Deus, dai-me soberba para suportar o rugido das feras - mas não agora.
Porque agora, para surpresa de beócios do quilate de Nicomar Lael, cometerei um gesto de magnanimidade suprema, nada compatível com a soberba a que preciso recorrer para me proteger da idiotia alheia.
Direi a Nicomar Lael, este animal rastejante que vive prospectando páginas dos dicionários em busca de palavras e expressões em desuso que lhe concedam a aparência de sábio: oh, pulha, festejai, gritai "alvíssaras!" ao céu mudo, porque confessarei que concordo contigo num ponto - apenas num! Já, já, direi qual é o único e escasso motivo de nossa concordância.
( Mas, antes, quero te deixar ciante de que, em homenagem a teus neurônios de baixa extração, atuarei como atuam adultos diante de crianças: farei de conta que não, não conheço, sequer desconfio de teus truques. Farei de conta que não sei que, como se fosse um labrador faminto, deslizas as patas pelas páginas de velhas edições de dicionários comprados em sebo, em busca de vocábulos como "charneca", "brâmane", "trautear", "atólito", "estrídulas" , "estúrdia" "eutimia" e coisas que tais, com a única intenção de contrabandeá-los em teus textos e, assim, tentar atrair, pelo exotismo das expressões, a atenção de leitores desavisados. Debalde. Direi que consegues apenas atrair a piedade.
Obterias efeito idêntico se, no lugar da recitação de tais anacronismos, simplesmente te dedicasses a um exercício mais simples: bastaria afastar ligeiramente a arcada dentária superior da arcada dentária inferior, mobilizar as cordas vocais e produzir o som que emites com tanta graça e desenvoltura desde o dia do nascimento: au-au-au-au. Bastaria fazer o que fazes tão bem: latir!
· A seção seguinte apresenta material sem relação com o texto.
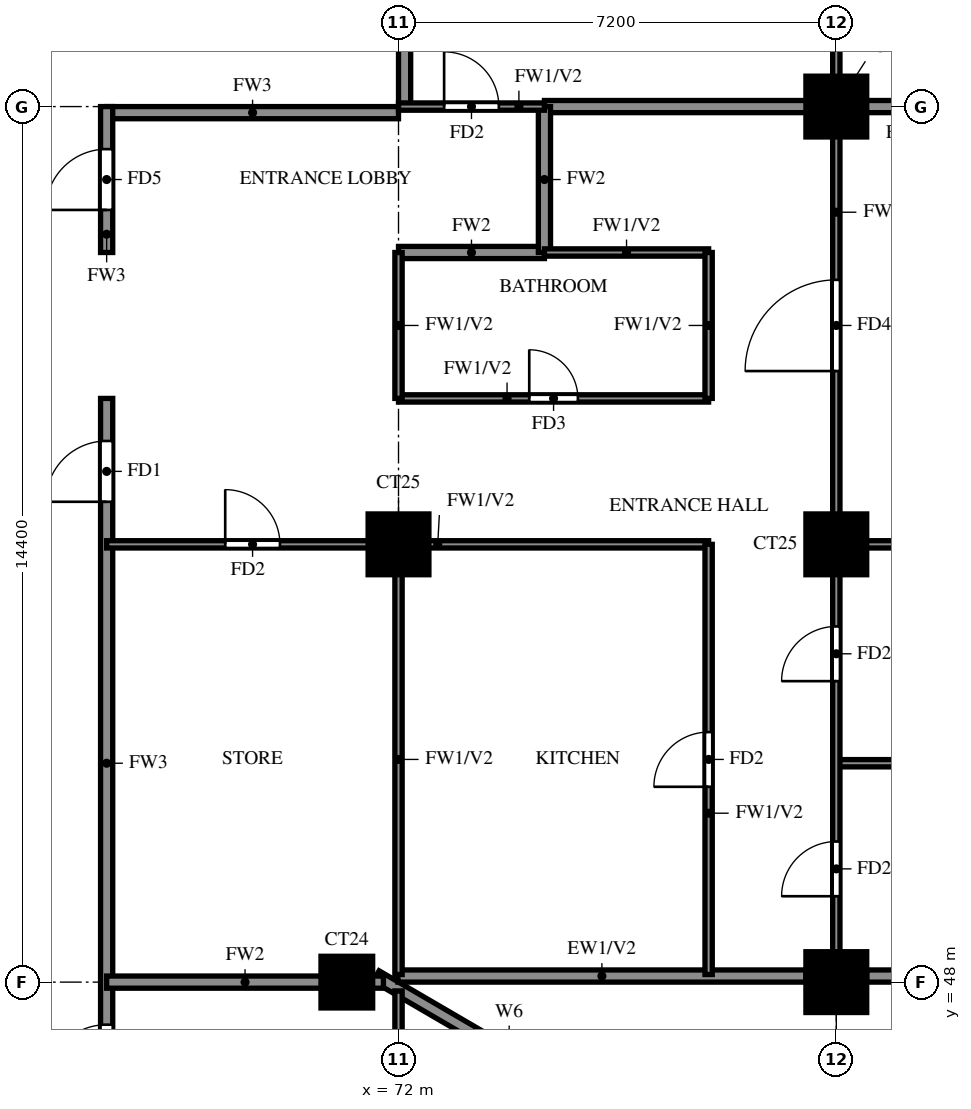
"""IFC4 building model, lengths in metres.
Left out: names, types, materials, properties, quantities, classifications, styles, units other than length and angle.
Written with IfcOpenShell. Run it as: python <this file> out.ifc"""

import sys

from ifc_helpers import new_model, si_unit, direction, frame, frame_2d, origin, origin_2d, place, context, subcontext, project, spatial, rectangle, extrude, source, transform, mapped, element, fill, save


model = new_model("IFC4")
c1 = context("Model", 3, precision=1e-05, world=origin(), true_north=direction((0.0, 1.0)))
c2 = subcontext(c1, "Body", "Model", "MODEL_VIEW")
j1 = project(units=[si_unit("LENGTHUNIT", "METRE"), si_unit("PLANEANGLEUNIT", "RADIAN")], contexts=[c1])
p1 = place(None, origin())
s1 = spatial("IfcSite", under=j1, at=p1, CompositionType="ELEMENT")
p2 = place(p1, origin())
s2 = spatial("IfcBuilding", under=s1, at=p2, CompositionType="ELEMENT")
p3 = place(p2, frame((0.0, 0.0, 157.0)))
s3 = spatial("IfcBuildingStorey", under=s2, at=p3, CompositionType="ELEMENT", Elevation=157.0)
m1 = source(origin(), c2, "Body", "SweptSolid", [
    extrude(rectangle(XDim=0.85, YDim=0.85, at=origin_2d()), origin(), (0.0, 0.0, 1.0), 3.2),
])
p4 = place(p3, frame((71.15, 48.0, 0.0), z_axis=(0.0, 0.0, 1.0), x_axis=(1.0, 0.0, 0.0)))
e1 = element("IfcColumn", 1, at=p4, inside=s3, PredefinedType="COLUMN", context=c2, shape_type="MappedRepresentation", body=[
    mapped(m1, transform((0.0, 0.0, 0.0))),
])
m2 = source(origin(), c2, "Body", "SweptSolid", [
    extrude(rectangle(XDim=1.0, YDim=1.0, at=origin_2d()), origin(), (0.0, 0.0, 1.0), 3.2),
])
for number, where, z_axis, x_axis in (
    (2, (79.2, 48.0, 0.0), (0.0, 0.0, 1.0), (1.0, 0.0, 0.0)),
    (3, (72.0, 55.2, 0.0), (0.0, 0.0, 1.0), (1.0, 0.0, 0.0)),
    (4, (79.2, 55.2, 0.0), (0.0, 0.0, 1.0), (1.0, 0.0, 0.0)),
    (5, (79.2, 62.4, 0.0), (0.0, 0.0, 1.0), (1.0, 0.0, 0.0)),
):
    element("IfcColumn", number, at=place(p3, frame(where, z_axis=z_axis, x_axis=x_axis)), inside=s3, PredefinedType="COLUMN", context=c2, shape_type="MappedRepresentation", body=[
        mapped(m2, transform((0.0, 0.0, 0.0))),
    ])
p5 = place(p3, frame((85.719, 39.881, 0.0), z_axis=(0.0, 0.0, 1.0), x_axis=(-0.86377618652, 0.503875678716, 0.0)))
e6 = element("IfcWall", 6, at=p5, inside=s3, PredefinedType="SOLIDWALL", context=c2, shape_type="SweptSolid", body=[
    extrude(rectangle(XDim=16.311, YDim=0.2, at=frame_2d((8.156, 0.0))), origin(), (0.0, 0.0, 1.0), 3.2),
])
p6 = place(p5, frame((13.326, 0.0, 1.5)))
e7 = element("IfcOpeningElement", 7, at=p6, cuts=e6, PredefinedType="OPENING", context=c2, shape_type="SweptSolid", body=[
    extrude(rectangle(XDim=0.9, YDim=0.9, at=frame_2d((0.45, 0.45))), frame((0.0, 0.11, 0.0), z_axis=(0.0, -1.0, 0.0), x_axis=(1.0, 0.0, 0.0)), (0.0, 0.0, 1.0), 0.22),
])
p7 = place(p3, frame((71.99, 48.1, 0.0), z_axis=(0.0, 0.0, 1.0), x_axis=(1.0, 0.0, 0.0)))
e8 = element("IfcWall", 8, at=p7, inside=s3, PredefinedType="SOLIDWALL", context=c2, shape_type="SweptSolid", body=[
    extrude(rectangle(XDim=6.71, YDim=0.2, at=frame_2d((3.355, 0.0))), origin(), (0.0, 0.0, 1.0), 3.2),
])
p8 = place(p3, frame((79.7, 48.1, 0.0), z_axis=(0.0, 0.0, 1.0), x_axis=(1.0, 0.0, 0.0)))
e9 = element("IfcWall", 9, at=p8, inside=s3, PredefinedType="SOLIDWALL", context=c2, shape_type="SweptSolid", body=[
    extrude(rectangle(XDim=5.675, YDim=0.2, at=frame_2d((2.837, 0.0))), origin(), (0.0, 0.0, 1.0), 3.2),
])
p9 = place(p8, frame((1.637, 0.0, 0.6)))
e10 = element("IfcOpeningElement", 10, at=p9, cuts=e9, PredefinedType="OPENING", context=c2, shape_type="SweptSolid", body=[
    extrude(rectangle(XDim=2.4, YDim=2.4, at=frame_2d((1.2, 1.2))), frame((0.0, 0.11, 0.0), z_axis=(0.0, -1.0, 0.0), x_axis=(1.0, 0.0, 0.0)), (0.0, 0.0, 1.0), 0.22),
])
p10 = place(p3, frame((67.2, 62.3, 0.0), z_axis=(0.0, 0.0, 1.0), x_axis=(1.0, 0.0, 0.0)))
e11 = element("IfcWall", 11, at=p10, inside=s3, PredefinedType="SOLIDWALL", context=c2, shape_type="SweptSolid", body=[
    extrude(rectangle(XDim=4.8, YDim=0.2, at=frame_2d((2.4, 0.0))), origin(), (0.0, 0.0, 1.0), 3.2),
])
p11 = place(p3, frame((67.2, 45.6, 0.0), z_axis=(0.0, 0.0, 1.0), x_axis=(0.0, 1.0, 0.0)))
e12 = element("IfcWall", 12, at=p11, inside=s3, PredefinedType="SOLIDWALL", context=c2, shape_type="SweptSolid", body=[
    extrude(rectangle(XDim=12.0, YDim=0.2, at=frame_2d((6.0, 0.0))), origin(), (0.0, 0.0, 1.0), 3.2),
])
p12 = place(p11, frame((10.3, 0.0, 0.0)))
e13 = element("IfcOpeningElement", 13, at=p12, cuts=e12, PredefinedType="OPENING", context=c2, shape_type="SweptSolid", body=[
    extrude(rectangle(XDim=1.0, YDim=2.1, at=frame_2d((0.5, 1.05))), frame((0.0, 0.11, 0.0), z_axis=(0.0, -1.0, 0.0), x_axis=(1.0, 0.0, 0.0)), (0.0, 0.0, 1.0), 0.22),
])
p13 = place(p11, frame((0.7, 0.0, 0.0)))
e14 = element("IfcOpeningElement", 14, at=p13, cuts=e12, PredefinedType="OPENING", context=c2, shape_type="SweptSolid", body=[
    extrude(rectangle(XDim=1.0, YDim=2.1, at=frame_2d((0.5, 1.05))), frame((0.0, 0.11, 0.0), z_axis=(0.0, -1.0, 0.0), x_axis=(1.0, 0.0, 0.0)), (0.0, 0.0, 1.0), 0.22),
])
p14 = place(p3, frame((67.2, 60.0, 0.0), z_axis=(0.0, 0.0, 1.0), x_axis=(0.0, 1.0, 0.0)))
e15 = element("IfcWall", 15, at=p14, inside=s3, PredefinedType="SOLIDWALL", context=c2, shape_type="SweptSolid", body=[
    extrude(rectangle(XDim=2.4, YDim=0.2, at=frame_2d((1.2, 0.0))), origin(), (0.0, 0.0, 1.0), 3.2),
])
p15 = place(p14, frame((0.7, 0.0, 0.0)))
e16 = element("IfcOpeningElement", 16, at=p15, cuts=e15, PredefinedType="OPENING", context=c2, shape_type="SweptSolid", body=[
    extrude(rectangle(XDim=1.0, YDim=2.1, at=frame_2d((0.5, 1.05))), frame((0.0, 0.11, 0.0), z_axis=(0.0, -1.0, 0.0), x_axis=(1.0, 0.0, 0.0)), (0.0, 0.0, 1.0), 0.22),
])
p16 = place(p3, frame((72.1, 62.4, 0.0), z_axis=(0.0, 0.0, 1.0), x_axis=(0.0, 1.0, 0.0)))
e17 = element("IfcWall", 17, at=p16, inside=s3, PredefinedType="SOLIDWALL", context=c2, shape_type="SweptSolid", body=[
    extrude(rectangle(XDim=15.6, YDim=0.2, at=frame_2d((7.8, 0.0))), origin(), (0.0, 0.0, 1.0), 3.2),
])
p17 = place(p3, frame((67.2, 48.0, 0.0), z_axis=(0.0, 0.0, 1.0), x_axis=(1.0, 0.0, 0.0)))
e18 = element("IfcWall", 18, at=p17, inside=s3, PredefinedType="SOLIDWALL", context=c2, shape_type="SweptSolid", body=[
    extrude(rectangle(XDim=4.552, YDim=0.2, at=frame_2d((2.276, 0.0))), origin(), (0.0, 0.0, 1.0), 3.2),
])
p18 = place(p3, frame((72.0, 60.0, 0.0), z_axis=(0.0, 0.0, 1.0), x_axis=(1.0, 0.0, 0.0)))
e19 = element("IfcWall", 19, at=p18, inside=s3, PredefinedType="SOLIDWALL", context=c2, shape_type="SweptSolid", body=[
    extrude(rectangle(XDim=2.4, YDim=0.2, at=frame_2d((1.2, 0.0))), origin(), (0.0, 0.0, 1.0), 3.2),
])
p19 = place(p3, frame((74.4, 62.4, 0.0), z_axis=(0.0, 0.0, 1.0), x_axis=(1.0, 0.0, 0.0)))
e20 = element("IfcWall", 20, at=p19, inside=s3, PredefinedType="SOLIDWALL", context=c2, shape_type="SweptSolid", body=[
    extrude(rectangle(XDim=11.875, YDim=0.2, at=frame_2d((5.938, 0.0))), origin(), (0.0, 0.0, 1.0), 3.2),
])
p20 = place(p3, frame((74.4, 60.0, 0.0), z_axis=(0.0, 0.0, 1.0), x_axis=(0.0, 1.0, 0.0)))
e21 = element("IfcWall", 21, at=p20, inside=s3, PredefinedType="SOLIDWALL", context=c2, shape_type="SweptSolid", body=[
    extrude(rectangle(XDim=2.4, YDim=0.2, at=frame_2d((1.2, 0.0))), origin(), (0.0, 0.0, 1.0), 3.2),
])
p21 = place(p3, frame((79.2, 51.6, 0.0), z_axis=(0.0, 0.0, 1.0), x_axis=(1.0, 0.0, 0.0)))
e22 = element("IfcWall", 22, at=p21, inside=s3, PredefinedType="PARTITIONING", context=c2, shape_type="SweptSolid", body=[
    extrude(rectangle(XDim=7.075, YDim=0.12, at=frame_2d((3.538, 0.0))), origin(), (0.0, 0.0, 1.0), 2.3),
])
p22 = place(p3, frame((67.2, 55.2, 0.0), z_axis=(0.0, 0.0, 1.0), x_axis=(1.0, 0.0, 0.0)))
e23 = element("IfcWall", 23, at=p22, inside=s3, PredefinedType="PARTITIONING", context=c2, shape_type="SweptSolid", body=[
    extrude(rectangle(XDim=9.9, YDim=0.12, at=frame_2d((4.95, 0.0))), origin(), (0.0, 0.0, 1.0), 3.2),
])
p23 = place(p22, frame((1.95, 0.0, 0.0)))
e24 = element("IfcOpeningElement", 24, at=p23, cuts=e23, PredefinedType="OPENING", context=c2, shape_type="SweptSolid", body=[
    extrude(rectangle(XDim=0.9, YDim=2.1, at=frame_2d((0.45, 1.05))), frame((0.0, 0.07, 0.0), z_axis=(0.0, -1.0, 0.0), x_axis=(1.0, 0.0, 0.0)), (0.0, 0.0, 1.0), 0.14),
])
p24 = place(p3, frame((79.2, 55.2, 0.0), z_axis=(0.0, 0.0, 1.0), x_axis=(1.0, 0.0, 0.0)))
e25 = element("IfcWall", 25, at=p24, inside=s3, PredefinedType="PARTITIONING", context=c2, shape_type="SweptSolid", body=[
    extrude(rectangle(XDim=7.075, YDim=0.12, at=frame_2d((3.538, 0.0))), origin(), (0.0, 0.0, 1.0), 3.2),
])
p25 = place(p3, frame((72.0, 57.6, 0.0), z_axis=(0.0, 0.0, 1.0), x_axis=(1.0, 0.0, 0.0)))
e26 = element("IfcWall", 26, at=p25, inside=s3, PredefinedType="PARTITIONING", context=c2, shape_type="SweptSolid", body=[
    extrude(rectangle(XDim=5.1, YDim=0.12, at=frame_2d((2.55, 0.0))), origin(), (0.0, 0.0, 1.0), 3.2),
])
p26 = place(p25, frame((2.15, 0.0, 0.0)))
e27 = element("IfcOpeningElement", 27, at=p26, cuts=e26, PredefinedType="OPENING", context=c2, shape_type="SweptSolid", body=[
    extrude(rectangle(XDim=0.8, YDim=2.1, at=frame_2d((0.4, 1.05))), frame((0.0, 0.07, 0.0), z_axis=(0.0, -1.0, 0.0), x_axis=(1.0, 0.0, 0.0)), (0.0, 0.0, 1.0), 0.14),
])
p27 = place(p3, frame((74.4, 60.0, 0.0), z_axis=(0.0, 0.0, 1.0), x_axis=(1.0, 0.0, 0.0)))
e28 = element("IfcWall", 28, at=p27, inside=s3, PredefinedType="PARTITIONING", context=c2, shape_type="SweptSolid", body=[
    extrude(rectangle(XDim=2.7, YDim=0.12, at=frame_2d((1.35, 0.0))), origin(), (0.0, 0.0, 1.0), 3.2),
])
p28 = place(p3, frame((72.0, 62.4, 0.0), z_axis=(0.0, 0.0, 1.0), x_axis=(1.0, 0.0, 0.0)))
e29 = element("IfcWall", 29, at=p28, inside=s3, PredefinedType="PARTITIONING", context=c2, shape_type="SweptSolid", body=[
    extrude(rectangle(XDim=2.4, YDim=0.12, at=frame_2d((1.2, 0.0))), origin(), (0.0, 0.0, 1.0), 3.2),
])
p29 = place(p28, frame((0.75, 0.0, 0.0)))
e30 = element("IfcOpeningElement", 30, at=p29, cuts=e29, PredefinedType="OPENING", context=c2, shape_type="SweptSolid", body=[
    extrude(rectangle(XDim=0.9, YDim=2.1, at=frame_2d((0.45, 1.05))), frame((0.0, 0.07, 0.0), z_axis=(0.0, -1.0, 0.0), x_axis=(1.0, 0.0, 0.0)), (0.0, 0.0, 1.0), 0.14),
])
p30 = place(p3, frame((72.0, 39.725, 0.0), z_axis=(0.0, 0.0, 1.0), x_axis=(0.0, 1.0, 0.0)))
e31 = element("IfcWall", 31, at=p30, inside=s3, PredefinedType="PARTITIONING", context=c2, shape_type="SweptSolid", body=[
    extrude(rectangle(XDim=8.13, YDim=0.12, at=frame_2d((4.065, 0.0))), origin(), (0.0, 0.0, 1.0), 2.3),
])
p31 = place(p30, frame((1.788, 0.0, 0.0)))
e32 = element("IfcOpeningElement", 32, at=p31, cuts=e31, PredefinedType="OPENING", context=c2, shape_type="SweptSolid", body=[
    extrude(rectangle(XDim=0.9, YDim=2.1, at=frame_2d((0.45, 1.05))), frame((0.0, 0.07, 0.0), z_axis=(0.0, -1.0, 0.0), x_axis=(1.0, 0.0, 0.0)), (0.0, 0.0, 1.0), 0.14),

Mas, não. Insistes em escrever).
Feita a ressalva, digo que sou forçado a concordar num ponto com o sr. Nicomar Lael (volto a indagar aos céus: de que balcão de cartório de floresta terá brotado tal nome, uma cacofonia formada por vocais e consoantes em choque ?):
é perda de tempo ficar chocado com os barbarismos ditos por gente supostamente "ilustrada" na TV.
Sempre achei que, desde que mantida sem som, a TV pode ter uma excelente utilidade: deixa o ambiente à meia-luz, o que pode ser bom para as retinas fatigadas. Mas este eletrodoméstico que fala não deve, claro, ser levado a sério, porque, com raríssimas exceções, só consegue emitir três coisas: luz, som - e parvoíces.
Assim, não é de estranhar o desfile de horrores que assaltam nossos olhos a cada vez que olhamos de soslaio para os vídeos. Lá estarão anúncios engraçadinhos paridos por publicitários que se julgam gênios; celebridades idiotas tentando nos vender produtos e serviços que vão de telefones celulares a cervejas e bancos; jornalistazinhos fazendo trocadilhos infames, como se trocadilho fosse capaz de dar nobreza a textos capenguíssimos; o lixo, o lixo, o lixo.
Tive,portanto, uma iluminação. Da próxima vez que ouvir alguém dizer "meu óculos" na TV, restarei indiferente. Farei o que deveria ter feito das outras vezes:
tirarei o som.
Assim, esta fábrica de estultices finalmente cumprirá o papel que lhe cabe,por merecimento: deixar o ambiente à meia-luz.
Poderei, então, mergulhar no sono profundo, cavalgar por toda a noite por territórios de sonho, onde não há lugar para os parvos e os beócios - e os aparelhos de TV.